Some investors have welcomed Noerdin's pro-business approach. Noerdin was "very supportive and we have heard a lot of other positive things from investors in the area," said Bret Mattes, chief executive of oil and gas firm Star Energy, which has started exploration at the Sekayu block in Musi Banyu Asin.

"Our key drivers for securing Sekayu were technical, but it certainly makes any investment decision easier when the regency and the province are supportive of investment and investors, and have a vision for growth and improvement."

Power struggle

Overall, Musi Banyu Asin ranked fourth out of 243 places for economic governance in the Asia Foundation survey.

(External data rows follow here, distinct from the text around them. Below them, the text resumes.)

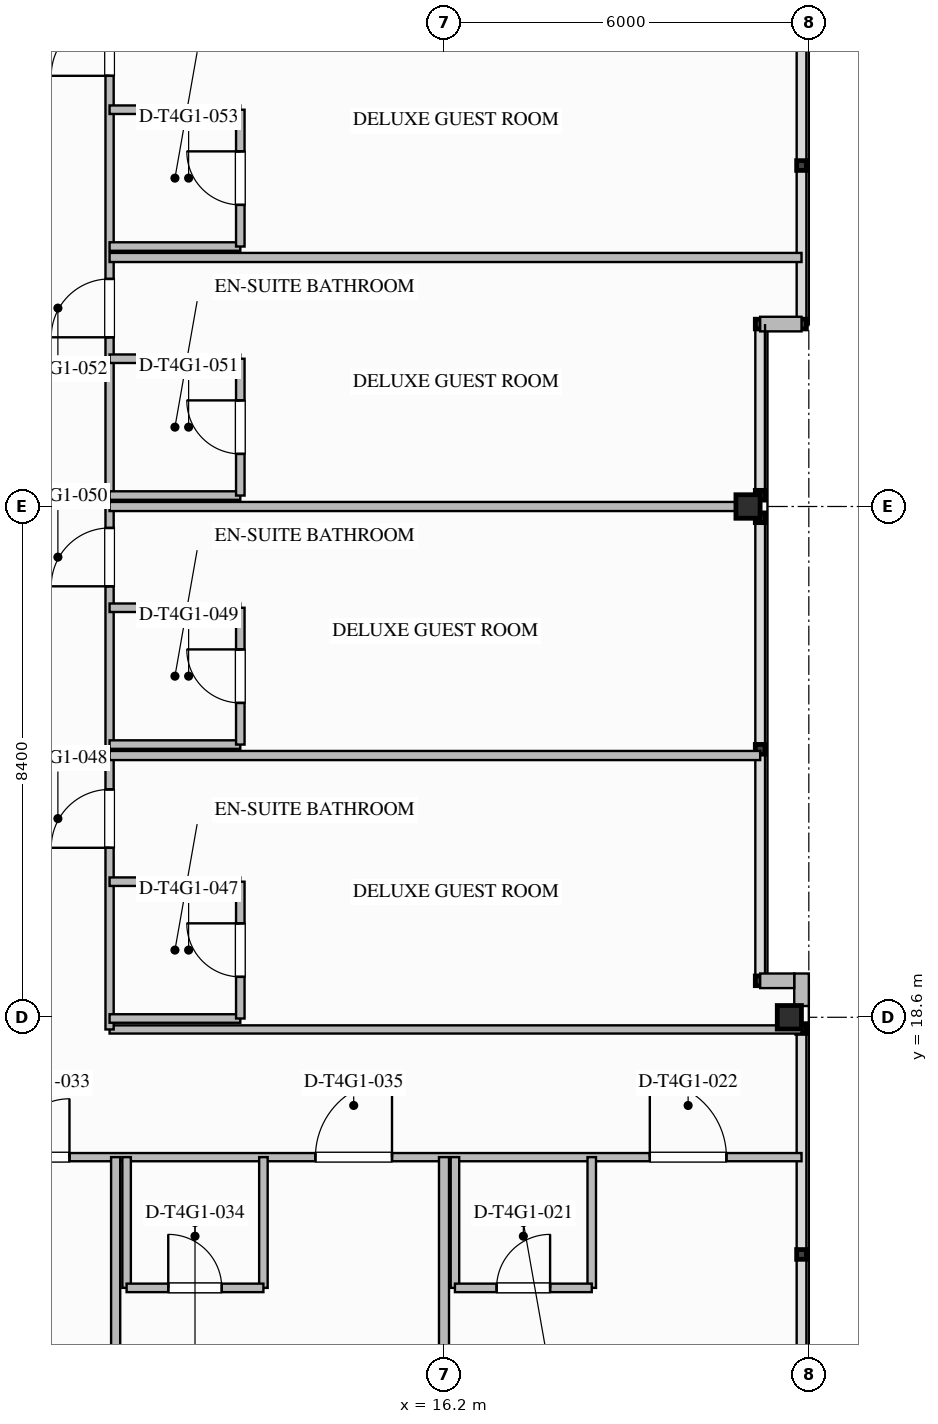
"""IFC4 building model, lengths in metres.
Left out: names, types, materials, properties, quantities, classifications, styles, units other than length and angle.
Written with IfcOpenShell. Run it as: python <this file> out.ifc"""

import sys

from ifc_helpers import new_model, si_unit, direction, frame, frame_2d, origin, origin_2d, place, context, subcontext, project, spatial, rectangle, i_section, extrude, element, fill, save


model = new_model("IFC4")
c1 = context("Model", 3, precision=1e-05, world=origin(), true_north=direction((0.0, 1.0)))
c2 = subcontext(c1, "Body", "Model", "MODEL_VIEW")
j1 = project(units=[si_unit("LENGTHUNIT", "METRE"), si_unit("PLANEANGLEUNIT", "RADIAN")], contexts=[c1])
p1 = place(None, origin())
s1 = spatial("IfcSite", under=j1, at=p1, CompositionType="ELEMENT")
p2 = place(p1, origin())
s2 = spatial("IfcBuilding", under=s1, at=p2, CompositionType="ELEMENT")
p3 = place(p2, frame((0.0, 0.0, 205.1)))
s3 = spatial("IfcBuildingStorey", under=s2, at=p3, CompositionType="ELEMENT", Elevation=205.1)
for number, where, z_axis, x_axis in (
    (1, (21.88, 18.6, 0.0), (0.0, 0.0, 1.0), (1.0, 0.0, 0.0)),
    (2, (21.2, 27.0, 0.0), (0.0, 0.0, 1.0), (1.0, 0.0, 0.0)),
):
    element("IfcColumn", number, at=place(p3, frame(where, z_axis=z_axis, x_axis=x_axis)), inside=s3, PredefinedType="COLUMN", context=c2, shape_type="SweptSolid", body=[
        extrude(i_section(OverallWidth=0.397, OverallDepth=0.387, WebThickness=0.021, FlangeThickness=0.033, FilletRadius=0.025, at=origin_2d()), origin(), (0.0, 0.0, 1.0), 3.597),
    ])
p4 = place(p3, frame((22.08, 19.32, 0.0), z_axis=(0.0, 0.0, 1.0), x_axis=(0.0, -1.0, 0.0)))
e3 = element("IfcWall", 3, at=p4, inside=s3, PredefinedType="STANDARD", context=c2, shape_type="SweptSolid", body=[
    extrude(rectangle(XDim=0.535, YDim=0.24, at=frame_2d((0.267, 0.0))), origin(), (0.0, 0.0, 1.0), 3.34),
])
p5 = place(p3, frame((22.08, 30.0, 0.0), z_axis=(0.0, 0.0, 1.0), x_axis=(-1.0, 0.0, 0.0)))
e4 = element("IfcWall", 4, at=p5, inside=s3, PredefinedType="STANDARD", context=c2, shape_type="SweptSolid", body=[
    extrude(rectangle(XDim=0.68, YDim=0.24, at=frame_2d((0.34, 0.0))), origin(), (0.0, 0.0, 1.0), 3.34),
])
p6 = place(p3, frame((21.4, 19.2, 0.0), z_axis=(0.0, 0.0, 1.0), x_axis=(1.0, 0.0, 0.0)))
e5 = element("IfcWall", 5, at=p6, inside=s3, PredefinedType="STANDARD", context=c2, shape_type="SweptSolid", body=[
    extrude(rectangle(XDim=0.56, YDim=0.24, at=frame_2d((0.28, 0.0))), origin(), (0.0, 0.0, 1.0), 3.34),
])
p7 = place(p3, frame((-16.2, 16.3, 0.0), z_axis=(0.0, 0.0, 1.0), x_axis=(1.0, 0.0, 0.0)))
e6 = element("IfcWall", 6, at=p7, inside=s3, PredefinedType="PARTITIONING", context=c2, shape_type="SweptSolid", body=[
    extrude(rectangle(XDim=38.28, YDim=0.135, at=frame_2d((19.14, 0.0))), origin(), (0.0, 0.0, 1.0), 3.34),
])
p8 = place(p7, frame((35.785, 0.0, 0.0)))
e7 = element("IfcOpeningElement", 7, at=p8, cuts=e6, PredefinedType="OPENING", context=c2, shape_type="SweptSolid", body=[
    extrude(rectangle(XDim=1.26, YDim=2.2, at=frame_2d((0.63, 1.1))), frame((0.0, 0.077, 0.0), z_axis=(0.0, -1.0, 0.0), x_axis=(1.0, 0.0, 0.0)), (0.0, 0.0, 1.0), 0.155),
])
p9 = place(p7, frame((3.285, 0.0, 0.0)))
e8 = element("IfcOpeningElement", 8, at=p9, cuts=e6, PredefinedType="OPENING", context=c2, shape_type="SweptSolid", body=[
    extrude(rectangle(XDim=1.26, YDim=2.2, at=frame_2d((0.63, 1.1))), frame((0.0, 0.077, 0.0), z_axis=(0.0, -1.0, 0.0), x_axis=(1.0, 0.0, 0.0)), (0.0, 0.0, 1.0), 0.155),
])
p10 = place(p7, frame((8.59, 0.0, 0.0)))
e9 = element("IfcOpeningElement", 9, at=p10, cuts=e6, PredefinedType="OPENING", context=c2, shape_type="SweptSolid", body=[
    extrude(rectangle(XDim=0.96, YDim=2.15, at=frame_2d((0.48, 1.075))), frame((0.0, 0.077, 0.0), z_axis=(0.0, -1.0, 0.0), x_axis=(1.0, 0.0, 0.0)), (0.0, 0.0, 1.0), 0.155),
])
p11 = place(p7, frame((12.744, 0.0, 0.0)))
e10 = element("IfcOpeningElement", 10, at=p11, cuts=e6, PredefinedType="OPENING", context=c2, shape_type="SweptSolid", body=[
    extrude(rectangle(XDim=1.02, YDim=2.15, at=frame_2d((0.51, 1.075))), frame((0.0, 0.077, 0.0), z_axis=(0.0, -1.0, 0.0), x_axis=(1.0, 0.0, 0.0)), (0.0, 0.0, 1.0), 0.155),
])
p12 = place(p7, frame((19.73, 0.0, 0.0)))
e11 = element("IfcOpeningElement", 11, at=p12, cuts=e6, PredefinedType="OPENING", context=c2, shape_type="SweptSolid", body=[
    extrude(rectangle(XDim=1.26, YDim=2.2, at=frame_2d((0.63, 1.1))), frame((0.0, 0.077, 0.0), z_axis=(0.0, -1.0, 0.0), x_axis=(1.0, 0.0, 0.0)), (0.0, 0.0, 1.0), 0.155),
])
p13 = place(p7, frame((25.281, 0.0, 0.0)))
e12 = element("IfcOpeningElement", 12, at=p13, cuts=e6, PredefinedType="OPENING", context=c2, shape_type="SweptSolid", body=[
    extrude(rectangle(XDim=0.96, YDim=2.15, at=frame_2d((0.48, 1.075))), frame((0.0, 0.077, 0.0), z_axis=(0.0, -1.0, 0.0), x_axis=(1.0, 0.0, 0.0)), (0.0, 0.0, 1.0), 0.155),
])
p14 = place(p7, frame((30.285, 0.0, 0.0)))
e13 = element("IfcOpeningElement", 13, at=p14, cuts=e6, PredefinedType="OPENING", context=c2, shape_type="SweptSolid", body=[
    extrude(rectangle(XDim=1.26, YDim=2.2, at=frame_2d((0.63, 1.1))), frame((0.0, 0.077, 0.0), z_axis=(0.0, -1.0, 0.0), x_axis=(1.0, 0.0, 0.0)), (0.0, 0.0, 1.0), 0.155),
])
p15 = place(p3, frame((10.7, 18.4, 0.0), z_axis=(0.0, 0.0, 1.0), x_axis=(1.0, 0.0, 0.0)))
e14 = element("IfcWall", 14, at=p15, inside=s3, PredefinedType="PARTITIONING", context=c2, shape_type="SweptSolid", body=[
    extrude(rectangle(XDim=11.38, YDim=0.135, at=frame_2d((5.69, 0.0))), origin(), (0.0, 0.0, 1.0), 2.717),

When the post of governor for South Sumatra came up earlier this year, Noerdin stood for election and won on promises to extend his free healthcare and education to the whole province.

He said he is considering offering tax breaks and other incentives to attract investors to South Sumatra, and that he wants to tackle the region's power shortages by bringing in Chinese power plant firms. "The most important thing that investors need is consistency of regulations," Noerdin said.

Decentralization, ushered in during 2001 as part of Indonesia's political and economic reforms, has, however, also paved the way for legal uncertainty due to conflicts and discrepancies between central government and local government, particularly over the mining, forestry, and environmental laws.

Archipelago Resources, a U.K.-based gold miner, is one investor that has run into trouble at the regional level.

Its Indonesian unit, PT Meares Soputan Mining, got approval from Jakarta to start commercial production at its Toka Tindung gold mine in North Sulawesi. But it still hasn't been given permission by the provincial government due to environmental concerns, effectively freezing investment of nearly $200 million.

"While central government remains a key part of the overall story, local governments now have a major role in allocating public spending and establishing the regulatory environment," the Asia Foundation said in the governance report.

"Some local governments have used this new freedom to create dynamic business environments, others have struggled with financial management, legal uncertainty, and poor strategic planning," it said, warning that in some cases, the power shift has helped turn mayors and local leaders into "little kings."